Conclusion  

     

Conclusion

 


"[Los Angeles should be] one of the most open books in the history of city-making....[but] there are many who do not wish to read the book, and would like to prevent others from doing so; they have soundly-based fears about what might happen if the secrets of the Southern Californian metropolis were too profanely opened and made plain. Los Angeles threatens the intellectual repose and professional livelihood of many architects, artists, planners, and environmentalists because it breaks the rules of urban design that they promulgate in works and writings and teach to their students. In so far as Los Angeles performs the functions of a great city, in terms of size, cosmopolitan style, creative energy, international influence, distinctive way of life and corporate personality...to the extent that Los Angeles has these qualities, then to that same extent all the most admired theorists of the present century, from the Futurists and Le Corbusier to Jane Jacobs and Sibyl Moholoy-Nagy, have been wrong.
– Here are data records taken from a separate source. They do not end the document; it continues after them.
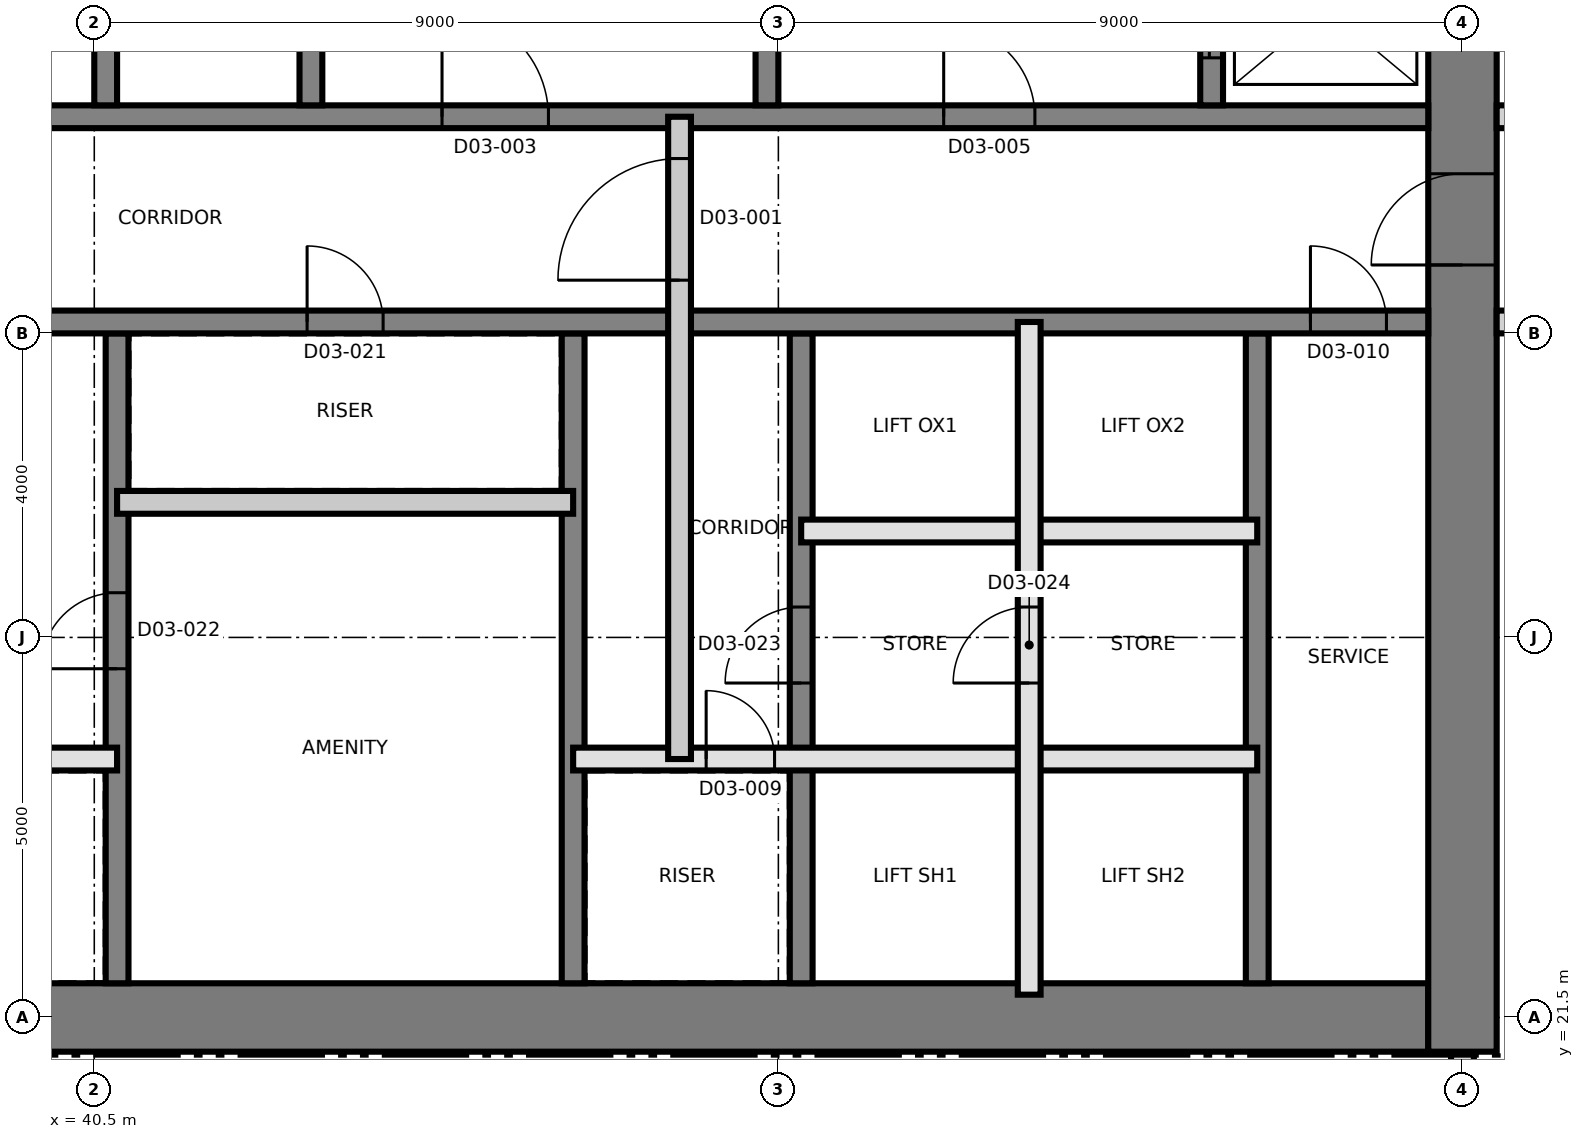
"""IFC4 building model, lengths in metres.
Left out: names, types, materials, properties, quantities, classifications, styles, units other than length and angle.
Written with IfcOpenShell. Run it as: python <this file> out.ifc"""

import sys

from ifc_helpers import new_model, si_unit, direction, frame, frame_2d, origin, place, context, subcontext, project, spatial, rectangle, extrude, element, fill, save


model = new_model("IFC4")
c1 = context("Model", 3, precision=1e-05, world=origin(), true_north=direction((0.0, 1.0)))
c2 = subcontext(c1, "Body", "Model", "MODEL_VIEW")
j1 = project(units=[si_unit("LENGTHUNIT", "METRE"), si_unit("PLANEANGLEUNIT", "RADIAN")], contexts=[c1])
p1 = place(None, origin())
s1 = spatial("IfcSite", under=j1, at=p1, CompositionType="ELEMENT")
p2 = place(p1, origin())
s2 = spatial("IfcBuilding", under=s1, at=p2, CompositionType="ELEMENT")
p3 = place(p2, frame((0.0, 0.0, 55.7)))
s3 = spatial("IfcBuildingStorey", under=s2, at=p3, CompositionType="ELEMENT", Elevation=55.7)
p4 = place(p3, frame((31.05, 21.5, 0.0), z_axis=(0.0, 0.0, 1.0), x_axis=(1.0, 0.0, 0.0)))
e1 = element("IfcWall", 1, at=p4, inside=s3, PredefinedType="SHEAR", context=c2, shape_type="SweptSolid", body=[
    extrude(rectangle(XDim=27.0, YDim=0.9, at=frame_2d((13.5, 0.0))), origin(), (0.0, 0.0, 1.0), 3.7),
])
p5 = place(p3, frame((58.5, 21.05, 0.0), z_axis=(0.0, 0.0, 1.0), x_axis=(0.0, 1.0, 0.0)))
e2 = element("IfcWall", 2, at=p5, inside=s3, PredefinedType="SHEAR", context=c2, shape_type="SweptSolid", body=[
    extrude(rectangle(XDim=18.9, YDim=0.9, at=frame_2d((9.45, 0.0))), origin(), (0.0, 0.0, 1.0), 3.7),
])
p6 = place(p5, frame((10.35, 0.0, 0.0)))
e3 = element("IfcOpeningElement", 3, at=p6, cuts=e2, PredefinedType="OPENING", context=c2, shape_type="SweptSolid", body=[
    extrude(rectangle(XDim=1.2, YDim=2.1, at=frame_2d((0.6, 1.05))), frame((0.0, 0.46, 0.0), z_axis=(0.0, -1.0, 0.0), x_axis=(1.0, 0.0, 0.0)), (0.0, 0.0, 1.0), 0.92),
])
p7 = place(p3, frame((40.8, 21.95, 0.0), z_axis=(0.0, 0.0, 1.0), x_axis=(0.0, 1.0, 0.0)))
e4 = element("IfcWall", 4, at=p7, inside=s3, PredefinedType="SHEAR", context=c2, shape_type="SweptSolid", body=[
    extrude(rectangle(XDim=8.55, YDim=0.3, at=frame_2d((4.275, 0.0))), origin(), (0.0, 0.0, 1.0), 3.7),
])
p8 = place(p7, frame((4.138, 0.0, 0.0)))
e5 = element("IfcOpeningElement", 5, at=p8, cuts=e4, PredefinedType="OPENING", context=c2, shape_type="SweptSolid", body=[
    extrude(rectangle(XDim=1.0, YDim=2.1, at=frame_2d((0.5, 1.05))), frame((0.0, 0.16, 0.0), z_axis=(0.0, -1.0, 0.0), x_axis=(1.0, 0.0, 0.0)), (0.0, 0.0, 1.0), 0.32),
])
p9 = place(p3, frame((46.8, 21.95, 0.0), z_axis=(0.0, 0.0, 1.0), x_axis=(0.0, 1.0, 0.0)))
e6 = element("IfcWall", 6, at=p9, inside=s3, PredefinedType="SHEAR", context=c2, shape_type="SweptSolid", body=[
    extrude(rectangle(XDim=8.55, YDim=0.3, at=frame_2d((4.275, 0.0))), origin(), (0.0, 0.0, 1.0), 3.7),
])
p10 = place(p3, frame((49.8, 21.95, 0.0), z_axis=(0.0, 0.0, 1.0), x_axis=(0.0, 1.0, 0.0)))
e7 = element("IfcWall", 7, at=p10, inside=s3, PredefinedType="SHEAR", context=c2, shape_type="SweptSolid", body=[
    extrude(rectangle(XDim=8.55, YDim=0.3, at=frame_2d((4.275, 0.0))), origin(), (0.0, 0.0, 1.0), 3.7),
])
p11 = place(p10, frame((3.95, 0.0, 0.0)))
e8 = element("IfcOpeningElement", 8, at=p11, cuts=e7, PredefinedType="OPENING", context=c2, shape_type="SweptSolid", body=[
    extrude(rectangle(XDim=1.0, YDim=2.1, at=frame_2d((0.5, 1.05))), frame((0.0, 0.16, 0.0), z_axis=(0.0, -1.0, 0.0), x_axis=(1.0, 0.0, 0.0)), (0.0, 0.0, 1.0), 0.32),
])
p12 = place(p3, frame((55.8, 21.95, 0.0), z_axis=(0.0, 0.0, 1.0), x_axis=(0.0, 1.0, 0.0)))
e9 = element("IfcWall", 9, at=p12, inside=s3, PredefinedType="SHEAR", context=c2, shape_type="SweptSolid", body=[
    extrude(rectangle(XDim=8.55, YDim=0.3, at=frame_2d((4.275, 0.0))), origin(), (0.0, 0.0, 1.0), 3.7),
])
p13 = place(p3, frame((31.95, 30.65, 0.0), z_axis=(0.0, 0.0, 1.0), x_axis=(1.0, 0.0, 0.0)))
e10 = element("IfcWall", 10, at=p13, inside=s3, PredefinedType="SHEAR", context=c2, shape_type="SweptSolid", body=[
    extrude(rectangle(XDim=26.1, YDim=0.3, at=frame_2d((13.05, 0.0))), origin(), (0.0, 0.0, 1.0), 3.7),
])
p14 = place(p13, frame((24.55, 0.0, 0.0)))
e11 = element("IfcOpeningElement", 11, at=p14, cuts=e10, PredefinedType="OPENING", context=c2, shape_type="SweptSolid", body=[
    extrude(rectangle(XDim=1.0, YDim=2.1, at=frame_2d((0.5, 1.05))), frame((0.0, 0.16, 0.0), z_axis=(0.0, -1.0, 0.0), x_axis=(1.0, 0.0, 0.0)), (0.0, 0.0, 1.0), 0.32),
])
p15 = place(p13, frame((11.35, 0.0, 0.0)))
e12 = element("IfcOpeningElement", 12, at=p15, cuts=e10, PredefinedType="OPENING", context=c2, shape_type="SweptSolid", body=[
    extrude(rectangle(XDim=1.0, YDim=2.1, at=frame_2d((0.5, 1.05))), frame((0.0, 0.16, 0.0), z_axis=(0.0, -1.0, 0.0), x_axis=(1.0, 0.0, 0.0)), (0.0, 0.0, 1.0), 0.32),
])
p16 = place(p3, frame((31.95, 33.35, 0.0), z_axis=(0.0, 0.0, 1.0), x_axis=(1.0, 0.0, 0.0)))
e13 = element("IfcWall", 13, at=p16, inside=s3, PredefinedType="SHEAR", context=c2, shape_type="SweptSolid", body=[
    extrude(rectangle(XDim=26.1, YDim=0.3, at=frame_2d((13.05, 0.0))), origin(), (0.0, 0.0, 1.0), 3.7),
])
p17 = place(p16, frame((13.125, 0.0, 0.0)))
e14 = element("IfcOpeningElement", 14, at=p17, cuts=e13, PredefinedType="OPENING", context=c2, shape_type="SweptSolid", body=[
    extrude(rectangle(XDim=1.4, YDim=2.1, at=frame_2d((0.7, 1.05))), frame((0.0, 0.16, 0.0), z_axis=(0.0, -1.0, 0.0), x_axis=(1.0, 0.0, 0.0)), (0.0, 0.0, 1.0), 0.32),
])
p18 = place(p16, frame((5.175, 0.0, 0.0)))
e15 = element("IfcOpeningElement", 15, at=p18, cuts=e13, PredefinedType="OPENING", context=c2, shape_type="SweptSolid", body=[
    extrude(rectangle(XDim=1.2, YDim=2.1, at=frame_2d((0.6, 1.05))), frame((0.0, 0.16, 0.0), z_axis=(0.0, -1.0, 0.0), x_axis=(1.0, 0.0, 0.0)), (0.0, 0.0, 1.0), 0.32),
])
p19 = place(p16, frame((19.725, 0.0, 0.0)))
e16 = element("IfcOpeningElement", 16, at=p19, cuts=e13, PredefinedType="OPENING", context=c2, shape_type="SweptSolid", body=[
    extrude(rectangle(XDim=1.2, YDim=2.1, at=frame_2d((0.6, 1.05))), frame((0.0, 0.16, 0.0), z_axis=(0.0, -1.0, 0.0), x_axis=(1.0, 0.0, 0.0)), (0.0, 0.0, 1.0), 0.32),
])
for number, where, z_axis, x_axis in (
    (17, (40.65, 33.5, 0.0), (0.0, 0.0, 1.0), (0.0, 1.0, 0.0)),
    (18, (43.35, 33.5, 0.0), (0.0, 0.0, 1.0), (0.0, 1.0, 0.0)),
    (19, (49.35, 33.5, 0.0), (0.0, 0.0, 1.0), (0.0, 1.0, 0.0)),
):
    element("IfcWall", number, at=place(p3, frame(where, z_axis=z_axis, x_axis=x_axis)), inside=s3, PredefinedType="SHEAR", context=c2, shape_type="SweptSolid", body=[
        extrude(rectangle(XDim=5.55, YDim=0.3, at=frame_2d((2.775, 0.0))), origin(), (0.0, 0.0, 1.0), 3.7),
    ])
p20 = place(p3, frame((55.2, 33.5, 0.0), z_axis=(0.0, 0.0, 1.0), x_axis=(0.0, 1.0, 0.0)))
e20 = element("IfcWall", 20, at=p20, inside=s3, PredefinedType="SHEAR", context=c2, shape_type="SweptSolid", body=[
    extrude(rectangle(XDim=2.55, YDim=0.3, at=frame_2d((1.275, 0.0))), origin(), (0.0, 0.0, 1.0), 3.7),
])
p21 = place(p20, frame((0.625, 0.0, 0.0)))
e21 = element("IfcOpeningElement", 21, at=p21, cuts=e20, PredefinedType="OPENING", context=c2, shape_type="SweptSolid", body=[
    extrude(rectangle(XDim=1.3, YDim=2.4, at=frame_2d((0.65, 1.2))), frame((0.0, 0.16, 0.0), z_axis=(0.0, -1.0, 0.0), x_axis=(1.0, 0.0, 0.0)), (0.0, 0.0, 1.0), 0.32),
])
p22 = place(p3, frame((31.8, 24.9, 0.0), z_axis=(0.0, 0.0, 1.0), x_axis=(1.0, 0.0, 0.0)))
e22 = element("IfcWall", 22, at=p22, inside=s3, PredefinedType="SOLIDWALL", context=c2, shape_type="SweptSolid", body=[
    extrude(rectangle(XDim=9.0, YDim=0.3, at=frame_2d((4.5, 0.0))), origin(), (0.0, 0.0, 1.0), 3.4),
])
p23 = place(p22, frame((7.05, 0.0, 0.0)))
e23 = element("IfcOpeningElement", 23, at=p23, cuts=e22, PredefinedType="OPENING", context=c2, shape_type="SweptSolid", body=[
    extrude(rectangle(XDim=0.9, YDim=2.1, at=frame_2d((0.45, 1.05))), frame((0.0, 0.16, 0.0), z_axis=(0.0, -1.0, 0.0), x_axis=(1.0, 0.0, 0.0)), (0.0, 0.0, 1.0), 0.32),
])
p24 = place(p22, frame((0.95, 0.0, 0.0)))
e24 = element("IfcOpeningElement", 24, at=p24, cuts=e22, PredefinedType="OPENING", context=c2, shape_type="SweptSolid", body=[
    extrude(rectangle(XDim=1.1, YDim=2.4, at=frame_2d((0.55, 1.2))), frame((0.0, 0.16, 0.0), z_axis=(0.0, -1.0, 0.0), x_axis=(1.0, 0.0, 0.0)), (0.0, 0.0, 1.0), 0.32),
])
p25 = place(p22, frame((3.95, 0.0, 0.0)))
e25 = element("IfcOpeningElement", 25, at=p25, cuts=e22, PredefinedType="OPENING", context=c2, shape_type="SweptSolid", body=[
    extrude(rectangle(XDim=1.1, YDim=2.4, at=frame_2d((0.55, 1.2))), frame((0.0, 0.16, 0.0), z_axis=(0.0, -1.0, 0.0), x_axis=(1.0, 0.0, 0.0)), (0.0, 0.0, 1.0), 0.32),
])
p26 = place(p3, frame((46.8, 24.9, 0.0), z_axis=(0.0, 0.0, 1.0), x_axis=(1.0, 0.0, 0.0)))
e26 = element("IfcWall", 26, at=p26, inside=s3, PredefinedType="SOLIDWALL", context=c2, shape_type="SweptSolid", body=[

The notion that certain densities of population, and certain physical forms of structure are essential to the working of a great city...must be to that same extent false."
    --Reyner Banham. Los Angeles: Architecture of the Four Ecologies (1971).


 

 

 


"It was three years ago that he told me that, and we have lived in Los Angeles since. Many of the people we knew in New York think this a curious aberration, and in fact tell us so. There is no possible, no adequate answer to that, and so we give certain stock answers, the answers everyone gives. I talk about how difficult it would be for us to 'afford' to live in New York right now, about how much 'space' we need. All I mean is that I was very young in New York, and that at some point the golden rhythm was broken, and I am not that young any more. The last time I was in New York was in a cold January, and everyone was ill and tired. Many of the people I used to know there had moved to Dallas or had gone on Antabuse or had bought a farm in New Hampshire. We stayed ten days, and then we took an afternoon flight back to Los Angeles, and on the way home from the airport that night I could see the moon on the Pacific and smell jasmine all around and we both knew that there was no longer any point in keeping the apartment we still kept in New York. There were years when I called Los Angeles 'the Coast,' but they seem a long time ago."
    --Joan Didion, "Goodbye to All That" (1967). in Slouching Towards Bethlehem.